Сатириконовские «Служанки», придуманные Р. Виктюком, – спектакль-карнавал из «Прекрасной эпохи», где демоны играют в людей. Карнавал этот то превращался в средневековые «пляски смерти», в которых рядом с маской Пьеро возникал мертвенный оскал черепа; то бесконечно тянулся, как муки души, страдающей от своей порочности и не способной найти выход; то вновь возвращался к танцевальному неистовству. Недаром после завершения сюжетной части в спектакле начиналась череда танцевальных номеров с переодеваниями и с участием всех четырех артистов. В этих танцах, среди прочих, был заметен Месье – герой Сергея Зарубина с гримасой джокера, взрывавший сцену карнавальным трансвестизмом.
Когда демоны играют людей, в самых бытовых историях открывается буря чувств и бездонная философская глубина: зависть закрашивает весь мир черным цветом, любовь достигает устрашающих размеров, так что ее теперь не отличить от мучительной боли, смешанной с наслаждением. Пластическая партитура спектакля, разработанная Валентином Гнеушевым, и хореография, поставленная Аллой Сигаловой, давали этим играм демонов мощное и изысканное визуальное воплощение. На сцене не было ни одного бытового, повседневного движения: даже простой поворот головы был решен хореографически. Актеры все время находились в плотном телесном взаимодействии; их часто меняющиеся положения напоминали скульптурные группы. Запомнилось и музыкальное оформление, созданное Асафом Фараджевым главным образом на основе французского шансона, очаровывавшего мелодическим богатством, сладкой меланхолией и всепроникающей танцевальной интонацией.

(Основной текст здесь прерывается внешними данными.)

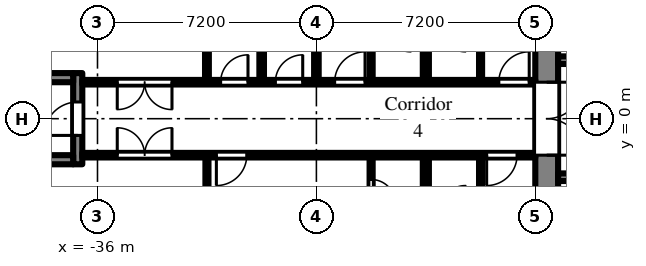
"""IFC4 building model, lengths in metres.
Left out: names, types, materials, properties, quantities, classifications, styles, units other than length and angle.
Written with IfcOpenShell. Run it as: python <this file> out.ifc"""

import sys

from ifc_helpers import new_model, si_unit, direction, frame, frame_2d, origin, place, context, subcontext, project, spatial, rectangle, extrude, element, fill, save


model = new_model("IFC4")
c1 = context("Model", 3, precision=1e-05, world=origin(), true_north=direction((0.0, 1.0)))
c2 = subcontext(c1, "Body", "Model", "MODEL_VIEW")
j1 = project(units=[si_unit("LENGTHUNIT", "METRE"), si_unit("PLANEANGLEUNIT", "RADIAN")], contexts=[c1])
p1 = place(None, origin())
s1 = spatial("IfcSite", under=j1, at=p1, CompositionType="ELEMENT")
p2 = place(p1, origin())
s2 = spatial("IfcBuilding", under=s1, at=p2, CompositionType="ELEMENT")
p3 = place(p2, frame((0.0, 0.0, 44.7)))
s3 = spatial("IfcBuildingStorey", under=s2, at=p3, CompositionType="ELEMENT", Elevation=44.7)
p4 = place(p3, frame((-21.225, -7.2, 0.0), z_axis=(0.0, 0.0, 1.0), x_axis=(0.0, 1.0, 0.0)))
e1 = element("IfcWall", 1, at=p4, inside=s3, PredefinedType="SHEAR", context=c2, shape_type="SweptSolid", body=[
    extrude(rectangle(XDim=14.4, YDim=0.75, at=frame_2d((7.2, 0.0))), origin(), (0.0, 0.0, 1.0), 2.575),
])
p5 = place(p4, frame((6.0, 0.0, 0.0)))
e2 = element("IfcOpeningElement", 2, at=p5, cuts=e1, PredefinedType="OPENING", context=c2, shape_type="SweptSolid", body=[
    extrude(rectangle(XDim=2.4, YDim=2.2, at=frame_2d((1.2, 1.1))), frame((0.0, 0.385, 0.0), z_axis=(0.0, -1.0, 0.0), x_axis=(1.0, 0.0, 0.0)), (0.0, 0.0, 1.0), 0.77),
])
p6 = place(p3, frame((-7.9, 1.925, 0.0), z_axis=(0.0, 0.0, 1.0), x_axis=(-1.0, 0.0, 0.0)))
e3 = element("IfcWall", 3, at=p6, inside=s3, PredefinedType="SHEAR", context=c2, shape_type="SweptSolid", body=[
    extrude(rectangle(XDim=12.95, YDim=0.25, at=frame_2d((6.475, 0.0))), origin(), (0.0, 0.0, 1.0), 2.575),
])
p7 = place(p6, frame((0.525, 0.0, 0.0)))
e4 = element("IfcOpeningElement", 4, at=p7, cuts=e3, PredefinedType="OPENING", context=c2, shape_type="SweptSolid", body=[
    extrude(rectangle(XDim=0.9, YDim=2.1, at=frame_2d((0.45, 1.05))), frame((0.0, 0.135, 0.0), z_axis=(0.0, -1.0, 0.0), x_axis=(1.0, 0.0, 0.0)), (0.0, 0.0, 1.0), 0.27),
])
p8 = place(p6, frame((2.625, 0.0, 0.0)))
e5 = element("IfcOpeningElement", 5, at=p8, cuts=e3, PredefinedType="OPENING", context=c2, shape_type="SweptSolid", body=[
    extrude(rectangle(XDim=1.1, YDim=2.1, at=frame_2d((0.55, 1.05))), frame((0.0, 0.135, 0.0), z_axis=(0.0, -1.0, 0.0), x_axis=(1.0, 0.0, 0.0)), (0.0, 0.0, 1.0), 0.27),
])
p9 = place(p6, frame((4.925, 0.0, 0.0)))
e6 = element("IfcOpeningElement", 6, at=p9, cuts=e3, PredefinedType="OPENING", context=c2, shape_type="SweptSolid", body=[
    extrude(rectangle(XDim=0.9, YDim=2.1, at=frame_2d((0.45, 1.05))), frame((0.0, 0.135, 0.0), z_axis=(0.0, -1.0, 0.0), x_axis=(1.0, 0.0, 0.0)), (0.0, 0.0, 1.0), 0.27),
])
p10 = place(p6, frame((8.225, 0.0, 0.0)))
e7 = element("IfcOpeningElement", 7, at=p10, cuts=e3, PredefinedType="OPENING", context=c2, shape_type="SweptSolid", body=[
    extrude(rectangle(XDim=0.9, YDim=2.1, at=frame_2d((0.45, 1.05))), frame((0.0, 0.135, 0.0), z_axis=(0.0, -1.0, 0.0), x_axis=(1.0, 0.0, 0.0)), (0.0, 0.0, 1.0), 0.27),
])
p11 = place(p3, frame((-7.9, -1.925, 0.0), z_axis=(0.0, 0.0, 1.0), x_axis=(-1.0, 0.0, 0.0)))
e8 = element("IfcWall", 8, at=p11, inside=s3, PredefinedType="SHEAR", context=c2, shape_type="SweptSolid", body=[
    extrude(rectangle(XDim=12.95, YDim=0.25, at=frame_2d((6.475, 0.0))), origin(), (0.0, 0.0, 1.0), 2.575),
])
p12 = place(p11, frame((4.825, 0.0, 0.0)))
e9 = element("IfcOpeningElement", 9, at=p12, cuts=e8, PredefinedType="OPENING", context=c2, shape_type="SweptSolid", body=[
    extrude(rectangle(XDim=1.1, YDim=2.1, at=frame_2d((0.55, 1.05))), frame((0.0, 0.135, 0.0), z_axis=(0.0, -1.0, 0.0), x_axis=(1.0, 0.0, 0.0)), (0.0, 0.0, 1.0), 0.27),
])
p13 = place(p11, frame((7.025, 0.0, 0.0)))
e10 = element("IfcOpeningElement", 10, at=p13, cuts=e8, PredefinedType="OPENING", context=c2, shape_type="SweptSolid", body=[
    extrude(rectangle(XDim=1.1, YDim=2.1, at=frame_2d((0.55, 1.05))), frame((0.0, 0.135, 0.0), z_axis=(0.0, -1.0, 0.0), x_axis=(1.0, 0.0, 0.0)), (0.0, 0.0, 1.0), 0.27),
])
p14 = place(p11, frame((9.225, 0.0, 0.0)))
e11 = element("IfcOpeningElement", 11, at=p14, cuts=e8, PredefinedType="OPENING", context=c2, shape_type="SweptSolid", body=[
    extrude(rectangle(XDim=1.1, YDim=2.1, at=frame_2d((0.55, 1.05))), frame((0.0, 0.135, 0.0), z_axis=(0.0, -1.0, 0.0), x_axis=(1.0, 0.0, 0.0)), (0.0, 0.0, 1.0), 0.27),
])
p15 = place(p11, frame((0.525, 0.0, 0.0)))
e12 = element("IfcOpeningElement", 12, at=p15, cuts=e8, PredefinedType="OPENING", context=c2, shape_type="SweptSolid", body=[
    extrude(rectangle(XDim=0.9, YDim=2.1, at=frame_2d((0.45, 1.05))), frame((0.0, 0.135, 0.0), z_axis=(0.0, -1.0, 0.0), x_axis=(1.0, 0.0, 0.0)), (0.0, 0.0, 1.0), 0.27),
])
p16 = place(p11, frame((2.625, 0.0, 0.0)))
e13 = element("IfcOpeningElement", 13, at=p16, cuts=e8, PredefinedType="OPENING", context=c2, shape_type="SweptSolid", body=[
    extrude(rectangle(XDim=1.1, YDim=2.1, at=frame_2d((0.55, 1.05))), frame((0.0, 0.135, 0.0), z_axis=(0.0, -1.0, 0.0), x_axis=(1.0, 0.0, 0.0)), (0.0, 0.0, 1.0), 0.27),
])
p17 = place(p3, frame((-36.65, -1.5, 0.0), z_axis=(0.0, 0.0, 1.0), x_axis=(0.0, 1.0, 0.0)))
e14 = element("IfcWall", 14, at=p17, inside=s3, PredefinedType="SHEAR", context=c2, shape_type="SweptSolid", body=[
    extrude(rectangle(XDim=3.0, YDim=0.3, at=frame_2d((1.5, 0.0))), origin(), (0.0, 0.0, 1.0), 2.575),
])
p18 = place(p17, frame((0.95, 0.0, 0.0)))
e15 = element("IfcOpeningElement", 15, at=p18, cuts=e14, PredefinedType="OPENING", context=c2, shape_type="SweptSolid", body=[
    extrude(rectangle(XDim=1.1, YDim=2.1, at=frame_2d((0.55, 1.05))), frame((0.0, 0.16, 0.0), z_axis=(0.0, -1.0, 0.0), x_axis=(1.0, 0.0, 0.0)), (0.0, 0.0, 1.0), 0.32),
])
for number, where, z_axis, x_axis in (
    (16, (-36.8, -1.35, 0.0), (0.0, 0.0, 1.0), (-1.0, 0.0, 0.0)),
    (17, (-36.8, 1.35, 0.0), (0.0, 0.0, 1.0), (-1.0, 0.0, 0.0)),
):
    element("IfcWall", number, at=place(p3, frame(where, z_axis=z_axis, x_axis=x_axis)), inside=s3, PredefinedType="SHEAR", context=c2, shape_type="SweptSolid", body=[
        extrude(rectangle(XDim=5.8, YDim=0.3, at=frame_2d((2.9, 0.0))), origin(), (0.0, 0.0, 1.0), 2.575),
    ])
p19 = place(p3, frame((-36.5, -1.2, 0.0), z_axis=(0.0, 0.0, 1.0), x_axis=(1.0, 0.0, 0.0)))
e18 = element("IfcWall", 18, at=p19, inside=s3, PredefinedType="PARTITIONING", context=c2, shape_type="SweptSolid", body=[
    extrude(rectangle(XDim=14.9, YDim=0.15, at=frame_2d((7.45, 0.0))), origin(), (0.0, 0.0, 1.0), 2.575),
])
p20 = place(p19, frame((13.3, 0.0, 0.0)))
e19 = element("IfcOpeningElement", 19, at=p20, cuts=e18, PredefinedType="OPENING", context=c2, shape_type="SweptSolid", body=[
    extrude(rectangle(XDim=1.0, YDim=2.1, at=frame_2d((0.5, 1.05))), frame((0.0, 0.085, 0.0), z_axis=(0.0, -1.0, 0.0), x_axis=(1.0, 0.0, 0.0)), (0.0, 0.0, 1.0), 0.17),
])
p21 = place(p19, frame((4.41, 0.0, 0.0)))
e20 = element("IfcOpeningElement", 20, at=p21, cuts=e18, PredefinedType="OPENING", context=c2, shape_type="SweptSolid", body=[
    extrude(rectangle(XDim=1.0, YDim=2.1, at=frame_2d((0.5, 1.05))), frame((0.0, 0.085, 0.0), z_axis=(0.0, -1.0, 0.0), x_axis=(1.0, 0.0, 0.0)), (0.0, 0.0, 1.0), 0.17),
])
p22 = place(p19, frame((1.15, 0.0, 0.0)))
e21 = element("IfcOpeningElement", 21, at=p22, cuts=e18, PredefinedType="OPENING", context=c2, shape_type="SweptSolid", body=[
    extrude(rectangle(XDim=1.8, YDim=2.1, at=frame_2d((0.9, 1.05))), frame((0.0, 0.085, 0.0), z_axis=(0.0, -1.0, 0.0), x_axis=(1.0, 0.0, 0.0)), (0.0, 0.0, 1.0), 0.17),
])
p23 = place(p3, frame((-36.5, 1.2, 0.0), z_axis=(0.0, 0.0, 1.0), x_axis=(1.0, 0.0, 0.0)))
e22 = element("IfcWall", 22, at=p23, inside=s3, PredefinedType="PARTITIONING", context=c2, shape_type="SweptSolid", body=[
    extrude(rectangle(XDim=14.9, YDim=0.15, at=frame_2d((7.45, 0.0))), origin(), (0.0, 0.0, 1.0), 2.575),
])
p24 = place(p23, frame((13.7, 0.0, 0.0)))
e23 = element("IfcOpeningElement", 23, at=p24, cuts=e22, PredefinedType="OPENING", context=c2, shape_type="SweptSolid", body=[
    extrude(rectangle(XDim=1.0, YDim=2.1, at=frame_2d((0.5, 1.05))), frame((0.0, 0.085, 0.0), z_axis=(0.0, -1.0, 0.0), x_axis=(1.0, 0.0, 0.0)), (0.0, 0.0, 1.0), 0.17),
])
p25 = place(p23, frame((8.3, 0.0, 0.0)))
e24 = element("IfcOpeningElement", 24, at=p25, cuts=e22, PredefinedType="OPENING", context=c2, shape_type="SweptSolid", body=[
    extrude(rectangle(XDim=1.0, YDim=2.1, at=frame_2d((0.5, 1.05))), frame((0.0, 0.085, 0.0), z_axis=(0.0, -1.0, 0.0), x_axis=(1.0, 0.0, 0.0)), (0.0, 0.0, 1.0), 0.17),
])
p26 = place(p23, frame((6.35, 0.0, 0.0)))
e25 = element("IfcOpeningElement", 25, at=p26, cuts=e22, PredefinedType="OPENING", context=c2, shape_type="SweptSolid", body=[
    extrude(rectangle(XDim=0.9, YDim=2.1, at=frame_2d((0.45, 1.05))), frame((0.0, 0.085, 0.0), z_axis=(0.0, -1.0, 0.0), x_axis=(1.0, 0.0, 0.0)), (0.0, 0.0, 1.0), 0.17),
])
p27 = place(p23, frame((4.55, 0.0, 0.0)))
e26 = element("IfcOpeningElement", 26, at=p27, cuts=e22, PredefinedType="OPENING", context=c2, shape_type="SweptSolid", body=[
    extrude(rectangle(XDim=0.9, YDim=2.1, at=frame_2d((0.45, 1.05))), frame((0.0, 0.085, 0.0), z_axis=(0.0, -1.0, 0.0), x_axis=(1.0, 0.0, 0.0)), (0.0, 0.0, 1.0), 0.17),
])
p28 = place(p23, frame((1.15, 0.0, 0.0)))
e27 = element("IfcOpeningElement", 27, at=p28, cuts=e22, PredefinedType="OPENING", context=c2, shape_type="SweptSolid", body=[
    extrude(rectangle(XDim=1.8, YDim=2.1, at=frame_2d((0.9, 1.05))), frame((0.0, 0.085, 0.0), z_axis=(0.0, -1.0, 0.0), x_axis=(1.0, 0.0, 0.0)), (0.0, 0.0, 1.0), 0.17),
])
p29 = place(p3, frame((-32.4, -6.9, 0.0), z_axis=(0.0, 0.0, 1.0), x_axis=(0.0, 1.0, 0.0)))
e28 = element("IfcWall", 28, at=p29, inside=s3, PredefinedType="PARTITIONING", context=c2, shape_type="SweptSolid", body=[
    extrude(rectangle(XDim=5.625, YDim=0.1, at=frame_2d((2.812, 0.0))), origin(), (0.0, 0.0, 1.0), 2.575),
])
p30 = place(p3, frame((-32.4, 1.275, 0.0), z_axis=(0.0, 0.0, 1.0), x_axis=(0.0, 1.0, 0.0)))
e29 = element("IfcWall", 29, at=p30, inside=s3, PredefinedType="PARTITIONING", context=c2, shape_type="SweptSolid", body=[
    extrude(rectangle(XDim=5.625, YDim=0.125, at=frame_2d((2.812, 0.0))), origin(), (0.0, 0.0, 1.0), 2.575),
])
for number, where, z_axis, x_axis in (
    (30, (-30.6, 1.275, 0.0), (0.0, 0.0, 1.0), (0.0, 1.0, 0.0)),
    (31, (-28.8, 1.275, 0.0), (0.0, 0.0, 1.0), (0.0, 1.0, 0.0)),
):
    element("IfcWall", number, at=place(p3, frame(where, z_axis=z_axis, x_axis=x_axis)), inside=s3, PredefinedType="PARTITIONING", context=c2, shape_type="SweptSolid", body=[
        extrude(rectangle(XDim=5.625, YDim=0.15, at=frame_2d((2.812, 0.0))), origin(), (0.0, 0.0, 1.0), 2.575),
    ])
p31 = place(p3, frame((-27.0, -3.65, 0.0), z_axis=(0.0, 0.0, 1.0), x_axis=(0.0, 1.0, 0.0)))
e32 = element("IfcWall", 32, at=p31, inside=s3, PredefinedType="PARTITIONING", context=c2, shape_type="SweptSolid", body=[
    extrude(rectangle(XDim=2.375, YDim=0.1, at=frame_2d((1.188, 0.0))), origin(), (0.0, 0.0, 1.0), 2.575),
])
p32 = place(p31, frame((0.85, 0.0, 0.0)))
e33 = element("IfcOpeningElement", 33, at=p32, cuts=e32, PredefinedType="OPENING", context=c2, shape_type="SweptSolid", body=[
    extrude(rectangle(XDim=0.8, YDim=2.1, at=frame_2d((0.4, 1.05))), frame((0.0, 0.06, 0.0), z_axis=(0.0, -1.0, 0.0), x_axis=(1.0, 0.0, 0.0)), (0.0, 0.0, 1.0), 0.12),
])
p33 = place(p3, frame((-27.0, 1.275, 0.0), z_axis=(0.0, 0.0, 1.0), x_axis=(0.0, 1.0, 0.0)))
e34 = element("IfcWall", 34, at=p33, inside=s3, PredefinedType="PARTITIONING", context=c2, shape_type="SweptSolid", body=[
    extrude(rectangle(XDim=1.675, YDim=0.1, at=frame_2d((0.837, 0.0))), origin(), (0.0, 0.0, 1.0), 2.575),
])
for number, where, z_axis, x_axis in (
    (35, (-25.2, -6.9, 0.0), (0.0, 0.0, 1.0), (0.0, 1.0, 0.0)),
    (36, (-25.2, 1.275, 0.0), (0.0, 0.0, 1.0), (0.0, 1.0, 0.0)),
):
    element("IfcWall", number, at=place(p3, frame(where, z_axis=z_axis, x_axis=x_axis)), inside=s3, PredefinedType="PARTITIONING", context=c2, shape_type="SweptSolid", body=[
        extrude(rectangle(XDim=5.625, YDim=0.2, at=frame_2d((2.812, 0.0))), origin(), (0.0, 0.0, 1.0), 2.575),
    ])
for number, where, z_axis, x_axis in (
    (37, (-23.4, -2.95, 0.0), (0.0, 0.0, 1.0), (0.0, 1.0, 0.0)),
    (38, (-23.4, 1.275, 0.0), (0.0, 0.0, 1.0), (0.0, 1.0, 0.0)),
):
    element("IfcWall", number, at=place(p3, frame(where, z_axis=z_axis, x_axis=x_axis)), inside=s3, PredefinedType="PARTITIONING", context=c2, shape_type="SweptSolid", body=[
        extrude(rectangle(XDim=1.675, YDim=0.1, at=frame_2d((0.837, 0.0))), origin(), (0.0, 0.0, 1.0), 2.575),
    ])
p34 = place(p5, frame((2.4, 0.0, 0.0), z_axis=(0.0, 0.0, 1.0), x_axis=(-1.0, 0.0, 0.0)))
e39 = element("IfcDoor", 39, at=p34, inside=s3, OperationType="DOUBLE_DOOR_DOUBLE_SWING", PredefinedType="DOOR", context=c2, shape_type="SweptSolid", body=[
    extrude(rectangle(XDim=2.4, YDim=2.2, at=frame_2d((1.2, 1.1))), frame((0.0, 0.025, 0.0), z_axis=(0.0, -1.0, 0.0), x_axis=(1.0, 0.0, 0.0)), (0.0, 0.0, 1.0), 0.05),
])
fill(e2, e39)
p35 = place(p18, origin())
e40 = element("IfcDoor", 40, at=p35, inside=s3, OperationType="SINGLE_SWING_LEFT", PredefinedType="DOOR", context=c2, shape_type="SweptSolid", body=[
    extrude(rectangle(XDim=1.1, YDim=2.1, at=frame_2d((0.55, 1.05))), frame((0.0, 0.025, 0.0), z_axis=(0.0, -1.0, 0.0), x_axis=(1.0, 0.0, 0.0)), (0.0, 0.0, 1.0), 0.05),
])
fill(e15, e40)
p36 = place(p20, frame((1.0, 0.0, 0.0), z_axis=(0.0, 0.0, 1.0), x_axis=(-1.0, 0.0, 0.0)))
e41 = element("IfcDoor", 41, at=p36, inside=s3, OperationType="SINGLE_SWING_RIGHT", PredefinedType="DOOR", context=c2, shape_type="SweptSolid", body=[
    extrude(rectangle(XDim=1.0, YDim=2.1, at=frame_2d((0.5, 1.05))), frame((0.0, 0.025, 0.0), z_axis=(0.0, -1.0, 0.0), x_axis=(1.0, 0.0, 0.0)), (0.0, 0.0, 1.0), 0.05),
])
fill(e19, e41)
p37 = place(p32, frame((0.8, 0.0, 0.0), z_axis=(0.0, 0.0, 1.0), x_axis=(-1.0, 0.0, 0.0)))
e42 = element("IfcDoor", 42, at=p37, inside=s3, OperationType="SINGLE_SWING_RIGHT", PredefinedType="DOOR", context=c2, shape_type="SweptSolid", body=[
    extrude(rectangle(XDim=0.8, YDim=2.1, at=frame_2d((0.4, 1.05))), frame((0.0, 0.025, 0.0), z_axis=(0.0, -1.0, 0.0), x_axis=(1.0, 0.0, 0.0)), (0.0, 0.0, 1.0), 0.05),
])
fill(e33, e42)
p38 = place(p21, frame((1.0, 0.0, 0.0), z_axis=(0.0, 0.0, 1.0), x_axis=(-1.0, 0.0, 0.0)))
e43 = element("IfcDoor", 43, at=p38, inside=s3, OperationType="SINGLE_SWING_RIGHT", PredefinedType="DOOR", context=c2, shape_type="SweptSolid", body=[
    extrude(rectangle(XDim=1.0, YDim=2.1, at=frame_2d((0.5, 1.05))), frame((0.0, 0.025, 0.0), z_axis=(0.0, -1.0, 0.0), x_axis=(1.0, 0.0, 0.0)), (0.0, 0.0, 1.0), 0.05),
])
fill(e20, e43)
p39 = place(p22, origin())
e44 = element("IfcDoor", 44, at=p39, inside=s3, OperationType="DOUBLE_DOOR_DOUBLE_SWING", PredefinedType="DOOR", context=c2, shape_type="SweptSolid", body=[
    extrude(rectangle(XDim=1.8, YDim=2.1, at=frame_2d((0.9, 1.05))), frame((0.0, 0.025, 0.0), z_axis=(0.0, -1.0, 0.0), x_axis=(1.0, 0.0, 0.0)), (0.0, 0.0, 1.0), 0.05),
])
fill(e21, e44)
p40 = place(p24, origin())
e45 = element("IfcDoor", 45, at=p40, inside=s3, OperationType="SINGLE_SWING_RIGHT", PredefinedType="DOOR", context=c2, shape_type="SweptSolid", body=[
    extrude(rectangle(XDim=1.0, YDim=2.1, at=frame_2d((0.5, 1.05))), frame((0.0, 0.025, 0.0), z_axis=(0.0, -1.0, 0.0), x_axis=(1.0, 0.0, 0.0)), (0.0, 0.0, 1.0), 0.05),
])
fill(e23, e45)
p41 = place(p25, origin())
e46 = element("IfcDoor", 46, at=p41, inside=s3, OperationType="SINGLE_SWING_RIGHT", PredefinedType="DOOR", context=c2, shape_type="SweptSolid", body=[
    extrude(rectangle(XDim=1.0, YDim=2.1, at=frame_2d((0.5, 1.05))), frame((0.0, 0.025, 0.0), z_axis=(0.0, -1.0, 0.0), x_axis=(1.0, 0.0, 0.0)), (0.0, 0.0, 1.0), 0.05),
])
fill(e24, e46)
p42 = place(p26, origin())
e47 = element("IfcDoor", 47, at=p42, inside=s3, OperationType="SINGLE_SWING_RIGHT", PredefinedType="DOOR", context=c2, shape_type="SweptSolid", body=[
    extrude(rectangle(XDim=0.9, YDim=2.1, at=frame_2d((0.45, 1.05))), frame((0.0, 0.025, 0.0), z_axis=(0.0, -1.0, 0.0), x_axis=(1.0, 0.0, 0.0)), (0.0, 0.0, 1.0), 0.05),
])
fill(e25, e47)
p43 = place(p27, origin())
e48 = element("IfcDoor", 48, at=p43, inside=s3, OperationType="SINGLE_SWING_RIGHT", PredefinedType="DOOR", context=c2, shape_type="SweptSolid", body=[
    extrude(rectangle(XDim=0.9, YDim=2.1, at=frame_2d((0.45, 1.05))), frame((0.0, 0.025, 0.0), z_axis=(0.0, -1.0, 0.0), x_axis=(1.0, 0.0, 0.0)), (0.0, 0.0, 1.0), 0.05),
])
fill(e26, e48)
p44 = place(p28, frame((1.8, 0.0, 0.0), z_axis=(0.0, 0.0, 1.0), x_axis=(-1.0, 0.0, 0.0)))
e49 = element("IfcDoor", 49, at=p44, inside=s3, OperationType="DOUBLE_DOOR_DOUBLE_SWING", PredefinedType="DOOR", context=c2, shape_type="SweptSolid", body=[
    extrude(rectangle(XDim=1.8, YDim=2.1, at=frame_2d((0.9, 1.05))), frame((0.0, 0.025, 0.0), z_axis=(0.0, -1.0, 0.0), x_axis=(1.0, 0.0, 0.0)), (0.0, 0.0, 1.0), 0.05),
])
fill(e27, e49)
save(model, sys.argv[1])

В столь «плотной» театральной атмосфере, напитанной, как дорогими духами, пьянящей и ядовитой красотой, артистам легко впасть в избыточную манерность, которая может превратиться в изнеженное самолюбование. В эту сторону спектаклю не давал «скатиться» Константин Райкин, сумевший вселить в текучую пластику своей героини Соланж темный, жесткий демонизм души, сжившейся с преступлением и потому расставшейся с красотой. Он сознательно избегал «балетности» в движениях: выбрасывая в танце прямую ногу, не тянул «носок» и загибал ступню под прямым углом; резко обрывал плавный жест рукой, не давая зрителю насладиться красивым положением пальцев. Когда переползал по полу, он был пугающе похож на гигантскую ящерицу; когда взмахивал руками – на птицу из рода стервятников.
Он гипнотизировал сцену и зрителей змеиным взглядом и говорил низким голосом, полным злости и отчаяния; от его смеха в финале становилось жутко. По контрасту с его Соланж голоса Клер и Мадам были искусственно завышены: у Клер голос более изнеженный, у Мадам – более безжизненный (прием искусственного завышения тембра вновь заставлял припомнить восточный театр – а именно актеров «оннагата» из японского театра кабуки, игравших женские роли).
Через несколько месяцев после премьеры «Служанок» из «Сатирикона» ушли Николай Добрынин и Александр Зуев. Надо было срочно вводить в спектакль новых артистов: Александра Корженкова (Клер) и Сергея Виноградова (Мадам). Это потребовало от театра новых усилий: пришлось приостановить прокат спектакля и вернуться к репетициям. Репетициями руководил К. Райкин, помогала ему А. Сигалова; ввод двух артистов в этот сложнейший спекатакль длился почти столько же, сколько репетиции перед премьерой. Через несколько лет из спектакля вышел К. Райкин, и роль Соланж стал играть Владимир Большов. Менялись артисты, но между характерами двух сестер сохранялось прежнее соотношение: воля, жесткость, безжалостный демонизм в Соланж и более теплая, человечная и сомневающаяся душа у Клер. Благодаря таким контрастам в спектакле открывался широчайший диапазон чувств и мыслей, питавших воображение зрителей и приводивших в странный восторг даже тех, кому избыточная манерность, актерское преображение мужчин в женщин, откровенная телесность образов казались тогда слишком непривычными и отталкивающими.
Гипнотизм характеров «Служанок» сказывался, конечно, и на актерах. Константин Райкин признавался, что сочетание мертвящей черноты нрава с соблазнительной красотой Соланж превращалось для него в испытание: как не впитать в себя сладкий яд порока и продолжать жить, повернувшись к свету, с легкой и веселой душой, доверяющей людям, широко открытой миру.